Cridland Julie M, Polston Elizabeth S, Begun David J
Department of Evolution and Ecology, University of California, Davis, Davis, CA 95616, USA.
Genetics. 2025 May 8;230(1). doi: 10.1093/genetics/iyaf044.
De novo genes can be defined as sequences producing evolutionarily derived transcripts that are not homologous to transcripts produced in an ancestor.

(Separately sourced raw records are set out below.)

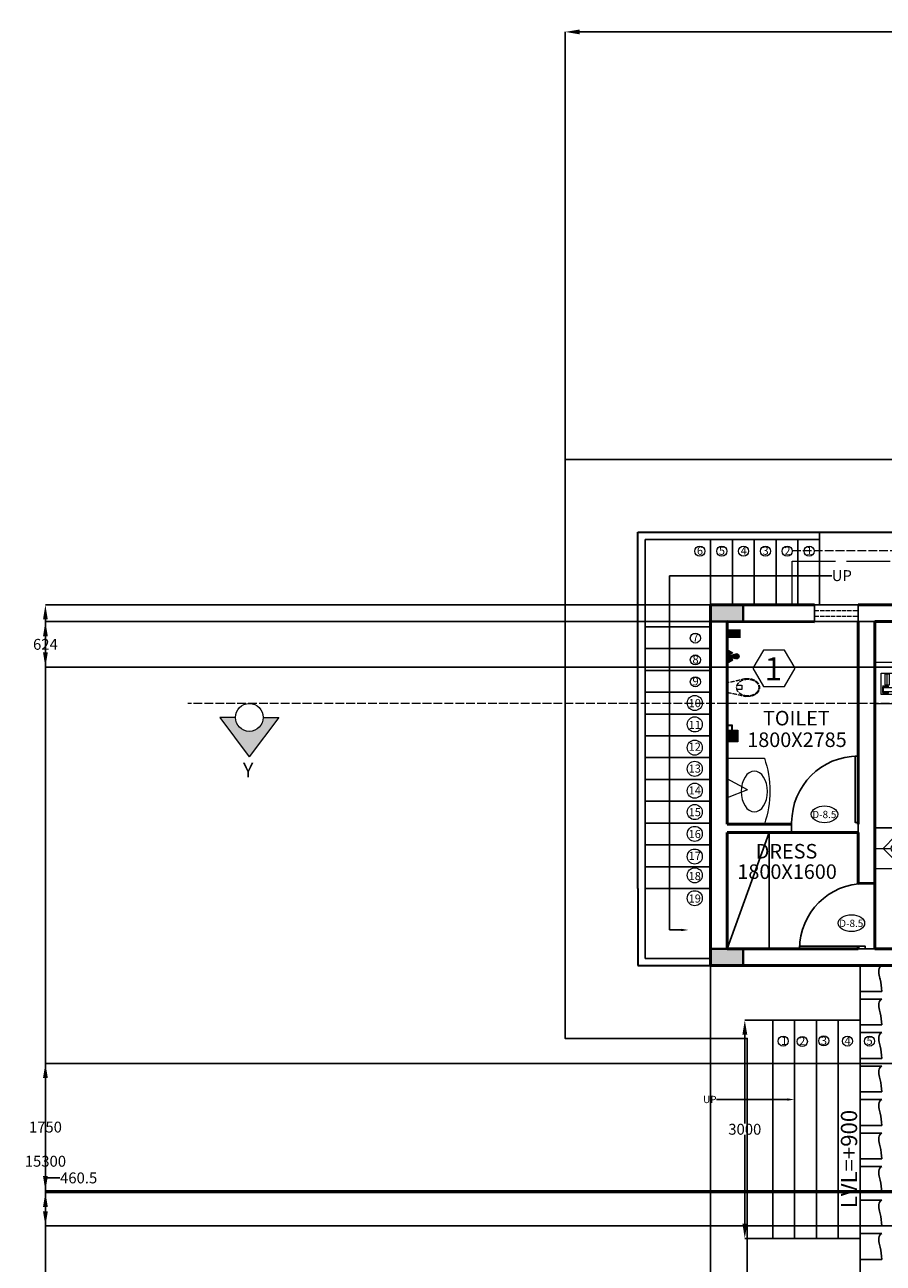
# Model space of a CAD drawing. Units: inches. Extents: x 22626 to 57351, y 2118 to 36234.
# Tile 2 of 10: x 22626 to 34432, y 19205 to 36234. Entities that reach past the tile are written whole.
import ezdxf
from ezdxf import colors
from ezdxf.entities.mleader import LeaderData, LeaderLine
from ezdxf.math import Vec2, Vec3

# ---------------------------------------------------------------- set-up
doc = ezdxf.new("R2010")
doc.units = ezdxf.units.IN
doc.header["$MEASUREMENT"] = 0
doc.linetypes.add('ACAD_ISO02W100', pattern=[15, 12, -3])
for name, color, linetype, lineweight in [('A-ANNO-DIMS', 130, 'Continuous', 18), ('A-ANNO-IDEN', 130, 'Continuous', 15), ('A-ANNO-STRS', 130, 'Continuous', 15), ('A-ANNO-SYMB', 130, 'Continuous', 18), ('A-AREA-IDEN', 130, 'Continuous', 18), ('A-COLS', 7, 'Continuous', 40), ('A-FLOR', 80, 'Continuous', 30), ('A-FLOR-CASE', 30, 'Continuous', 25), ('A-FLOR-FIXT', 30, 'Continuous', 18), ('A-FLOR-FIXT-HIDN', 30, 'ACAD_ISO02W100', 18), ('A-GLAZ-VENT', 152, 'Continuous', 25), ('A-GLAZ-VENT-HIDN', 152, 'ACAD_ISO02W100', 18), ('A-ROOF', 80, 'Continuous', 25), ('A-ROOF-OVHD', 80, 'ACAD_ISO02W100', 18), ('A-WALL', 80, 'Continuous', 50), ('DOORS', 32, 'Continuous', 25), ('FURNITURE', 30, 'Continuous', 18), ('STAIRS', 82, 'Continuous', 25)]:
    doc.layers.add(name, color=color, linetype=linetype, lineweight=lineweight)
doc.layers.add('A-SECT', color=2, linetype='ACAD_ISO02W100', lineweight=18, true_color=0xf1eb1f)
doc.styles.get("Standard").update_dxf_attribs({"font": 'arial.ttf'})
doc.dimstyles.get("Standard").update_dxf_attribs({"dimtxt": 150, "dimasz": 200, "dimexe": 0.18, "dimexo": 0.0625, "dimgap": 0.09, "dimtad": 0, "dimtih": 1, "dimtoh": 1, "dimdec": 0, "dimzin": 0, "dimdsep": 46, "dimtxsty": 'Standard', "dimcen": 0.09, "dimadec": 0, "dimazin": 0, "dimtfac": 1, "dimtdec": 0, "dimtofl": 0, "dimtmove": 0, "dimatfit": 3, "dimfxl": 1, "dimtolj": 1, "dimtzin": 0, "dimarcsym": 0})

# ---------------------------------------------------------------- blocks, each defined once
blk = doc.blocks.new('*U7')
for p, q in [((0, 0), (0, -6)), ((40, 0), (40, -6))]:
    blk.add_line(p, q)
blk.add_lwpolyline([(0, 0), (0, 40), (1.75, 40), (1.75, 0)], close=True)
blk.add_arc((0, 0), 40, 0, 90)
blk = doc.blocks.new('*D9')
at = {"layer": 'A-ANNO-DIMS', "color": 0, "lineweight": -2, "transparency": 16777216}
for p, q in [((32912, 22547), (32528, 22547)), ((32528, 22347), (32528, 21124)), ((32528, 19747), (32528, 20970)), ((32912, 19547), (32528, 19547))]:
    blk.add_line(p, q, dxfattribs=at)
at = {"layer": 'A-ANNO-DIMS', "color": 0, "transparency": 16777216}
for points in [[(32495, 22347), (32562, 22347), (32528, 22547)], [(32495, 19747), (32562, 19747), (32528, 19547)]]:
    blk.add_solid(points, dxfattribs=at)
at = {"layer": 'Defpoints', "color": 0, "transparency": 16777216}
for p in [(32912, 22547), (32528, 19547), (32912, 19547)]:
    blk.add_point(p, dxfattribs=at)
at = {"layer": 'A-ANNO-DIMS', "color": 0, "transparency": 16777216, "insert": (32528, 21047), "char_height": 150, "attachment_point": 5}
blk.add_mtext('\\A1;3000', dxfattribs=at)
blk = doc.blocks.new('Phone - Desk')
for p, q in [((-4.5, -5), (-4.5, 5)), ((-4.5, 5), (4.5, 5)), ((-4, 4.5), (-4, 2)), ((-4, 2), (-3.25, 2)), ((-3.75, 4.5), (-3.75, 2.25)), ((-1.25, 4.5), (-3.75, 4.5)), ((-3.75, 2.25), (-3.25, 2.25)), ((-3.25, 4), (-3.25, -4)), ((-3.25, 4), (-1.75, 4)), ((-1.75, -4), (-1.75, 4)), ((-1.75, 2.25), (-1.25, 2.25)), ((-1.75, 2), (-1, 2)), ((-1.25, 2.25), (-1.25, 4.5)), ((-1, 2), (-1, 4.5)), ((4, 3.5), (-0.5, 3.5)), ((-0.5, 3.5), (-0.5, 1.5)), ((-0.5, 2.5), (4, 2.5)), ((-0.5, 1.5), (4, 1.5)), ((4, 1.5), (4, 3.5)), ((4.5, 5), (4.5, -5)), ((4.5, -5), (-4.5, -5)), ((-3.75, -2.25), (-3.25, -2.25)), ((-3.75, -4.5), (-3.75, -2.25)), ((-1.25, -4.5), (-3.75, -4.5)), ((-3.25, -4), (-1.75, -4)), ((-1.75, -2.25), (-1.25, -2.25)), ((-1.25, -2.25), (-1.25, -4.5)), ((2.75, -1), (0.75, -1)), ((0.75, -1), (0.75, -4)), ((0.75, -4), (2.75, -4)), ((2.75, -4), (2.75, -1))]:
    blk.add_line(p, q)
blk = doc.blocks.new('BED')
h = blk.add_hatch()
h.set_pattern_fill('AR-B816', color=256, scale=27, angle=45)
h.paths.add_polyline_path([(36405, 26901), (36405, 25191), (35361, 25191), (35361, 24640), (36931, 24640), (36931, 25191), (36931, 27463), (36405, 27463), (35361, 27463), (35361, 26901)])
for p, q in [((35361, 26901), (35361, 27463)), ((35361, 27463), (36405, 27463)), ((36405, 27463), (36931, 27463)), ((36931, 27463), (36931, 25191)), ((35035, 26901), (35035, 26469)), ((34673, 25686), (34673, 26469)), ((35035, 26469), (34673, 26469)), ((35035, 25686), (34673, 25686)), ((34673, 25686), (35035, 25191)), ((35035, 25191), (35035, 25686)), ((34429, 24909), (34599, 25080)), ((34599, 25191), (34599, 24968)), ((34599, 25080), (34769, 24909)), ((35361, 24640), (35361, 25191)), ((36931, 25191), (36931, 24640)), ((34317, 24909), (34540, 24909)), ((34599, 24739), (34429, 24909)), ((34769, 24909), (34599, 24739)), ((34658, 24909), (34880, 24909)), ((34599, 24850), (34599, 24628)), ((36931, 24640), (35361, 24640))]:
    blk.add_line(p, q)
for points in [[(34317, 26901), (34880, 26901), (34880, 27463), (34317, 27463)], [(34317, 26901), (36405, 26901), (36405, 25191), (34317, 25191)], [(34317, 25191), (34880, 25191), (34880, 24628), (34317, 24628)]]:
    blk.add_lwpolyline(points, close=True)
blk.add_circle((34599, 24909), 59)
at = {"xscale": 32.52267765020765, "yscale": 32.52267765020765, "zscale": 32.52267765020765, "rotation": 90}
blk.add_blockref('Phone - Desk', (34567, 27173), dxfattribs=at)
blk = doc.blocks.new('WC')
at = {"ltscale": 5}
for p, q in [((307, 158), (242, 158)), ((242, 158), (242, 98)), ((242, 98), (310, 100)), ((307, 158), (307, 158))]:
    blk.add_line(p, q, dxfattribs=at)
for centre, start, end in [((781, 2286), 254.0006, 260.8285), ((781, -2036), 99.1715, 105.9994)]:
    blk.add_arc(centre, 2121, start, end, dxfattribs=at)
blk.add_ellipse((162, 125), major_axis=(152, 0), ratio=0.757128, start_param=-1.570796, end_param=4.712389, dxfattribs=at)
for points, knots in [([(196, 247), (190, 248), (184, 249), (169, 250), (159, 250), (141, 249), (132, 248), (115, 245), (106, 243), (89, 237), (81, 234), (66, 226), (59, 222), (45, 212), (39, 207), (28, 195), (23, 189), (14, 177), (10, 170), (5, 156), (3, 149), (0, 134), (0, 127), (1, 113), (2, 105), (6, 91), (9, 84), (16, 71), (20, 64), (30, 52), (35, 46), (48, 36), (55, 31), (69, 22), (77, 18), (93, 12), (101, 9), (118, 4), (127, 3), (145, 1), (153, 0), (162, 0)], [1.355035, 1.355035, 1.355035, 1.355035, 1.47179, 1.47179, 1.642812, 1.642812, 1.813835, 1.813835, 1.984858, 1.984858, 2.155881, 2.155881, 2.326904, 2.326904, 2.497927, 2.497927, 2.66895, 2.66895, 2.839973, 2.839973, 3.010996, 3.010996, 3.182019, 3.182019, 3.353042, 3.353042, 3.524065, 3.524065, 3.695088, 3.695088, 3.866111, 3.866111, 4.037134, 4.037134, 4.208157, 4.208157, 4.37918, 4.37918, 4.550203, 4.550203, 4.712389, 4.712389, 4.712389, 4.712389]), ([(162, 0), (168, 0), (174, 0), (185, 1), (191, 2), (196, 3)], [-1.5707963, -1.5707963, -1.5707963, -1.5707963, -1.4582575, -1.4582575, -1.3550165, -1.3550165, -1.3550165, -1.3550165])]:
    blk.add_open_spline(points, degree=3, knots=knots, dxfattribs=at)
blk = doc.blocks.new('VANITY-BASIN')
for p, q in [((585, 910), (75, 910)), ((306, 472), (585, 625)), ((306, 472), (585, 363))]:
    blk.add_line(p, q)
blk.add_arc((1410, 455), 1410, 161.173, 198.827)
blk.add_ellipse((213, 449), major_axis=(0, -280), ratio=0.646908)
blk = doc.blocks.new('COL-RECTANGULAR')
h = blk.add_hatch(color=256)
h.dxf.hatch_style = 1
h.paths.add_polyline_path([(0, 0), (450, 0), (450, 230), (0, 230)])
blk.add_lwpolyline([(0, 0), (0, 230), (450, 230), (450, 0)], close=True)
blk = doc.blocks.new('SECTION-HEAD')
h = blk.add_hatch(color=256)
h.dxf.hatch_style = 1
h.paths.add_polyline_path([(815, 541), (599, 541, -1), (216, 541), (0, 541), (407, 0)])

While they appear to be taxonomically widespread, there is little agreement regarding their abundance, their persistence times in genomes, the population genetic processes responsible for their spread or loss, or their possible functions. In Drosophila melanogaster, 2 approaches have been used to discover these genes and investigate their properties. One uses traditional comparative approaches and existing genomic resources and annotations. A second approach uses raw transcriptome data to discover unannotated genes for which there is no evidence of presence in related species. Investigations using the second approach have focused on D. melanogaster genotypes from recently established cosmopolitan populations. However, most of the genetic variation in the species is found in African populations, suggesting the possibility that fuller understanding of genetic novelties in the species may follow from studies of these populations. Here, we investigate de novo gene candidates expressed in testis and accessory glands in a sample of flies from Zambia and compare them with candidate de novo genes expressed in North American populations. We report a large number of previously undiscovered de novo gene candidates, most of which are expressed polymorphically. Many are predicted to code for secreted proteins. In spite of much different levels of genomic variation in Zambian and North American populations, they express similar numbers of candidate de novo genes. We find evidence from genetic analysis of Raleigh inbred lines that a fraction of rarely expressed gene candidates in this population represent deleterious transcription promoted by inbreeding depression. Many de novo gene candidates are expressed in multiple tissues and both sexes, raising questions about how they may interact with natural selection. The relative importance of positive and negative selection, however, remains unclear.
从头基因可以定义为产生进化衍生转录本的序列,这些转录本与祖先产生的转录本不同源。虽然它们似乎在分类学上广泛存在,但关于它们的丰度、在基因组中的持续时间、负责其传播或丢失的群体遗传过程,或它们可能的功能,几乎没有达成共识。在黑腹果蝇中,已经使用了两种方法来发现这些基因并研究它们的特性。一种方法使用传统的比较方法以及现有的基因组资源和注释。第二种方法使用原始转录组数据来发现未注释的基因,这些基因在相关物种中没有存在的证据。使用第二种方法的研究集中在最近建立的世界性种群的黑腹果蝇基因型上。然而,该物种的大多数遗传变异存在于非洲种群中,这表明对这些种群的研究可能会更全面地了解该物种的遗传新奇性。在这里,我们研究了来自赞比亚的果蝇样本中睾丸和附属腺中表达的从头基因候选物,并将它们与北美种群中表达的从头基因候选物进行比较。我们报告了大量以前未发现的从头基因候选物,其中大多数是多态性表达的。许多被预测编码分泌蛋白。尽管赞比亚和北美种群的基因组变异水平有很大差异,但它们表达的从头基因候选物数量相似。我们从罗利近交系的遗传分析中发现证据,表明该种群中一小部分很少表达的基因候选物代表了近交衰退促进的有害转录。许多从头基因候选物在多个组织和两性中都有表达,这引发了关于它们如何与自然选择相互作用的问题。然而,正选择和负选择的相对重要性仍不清楚。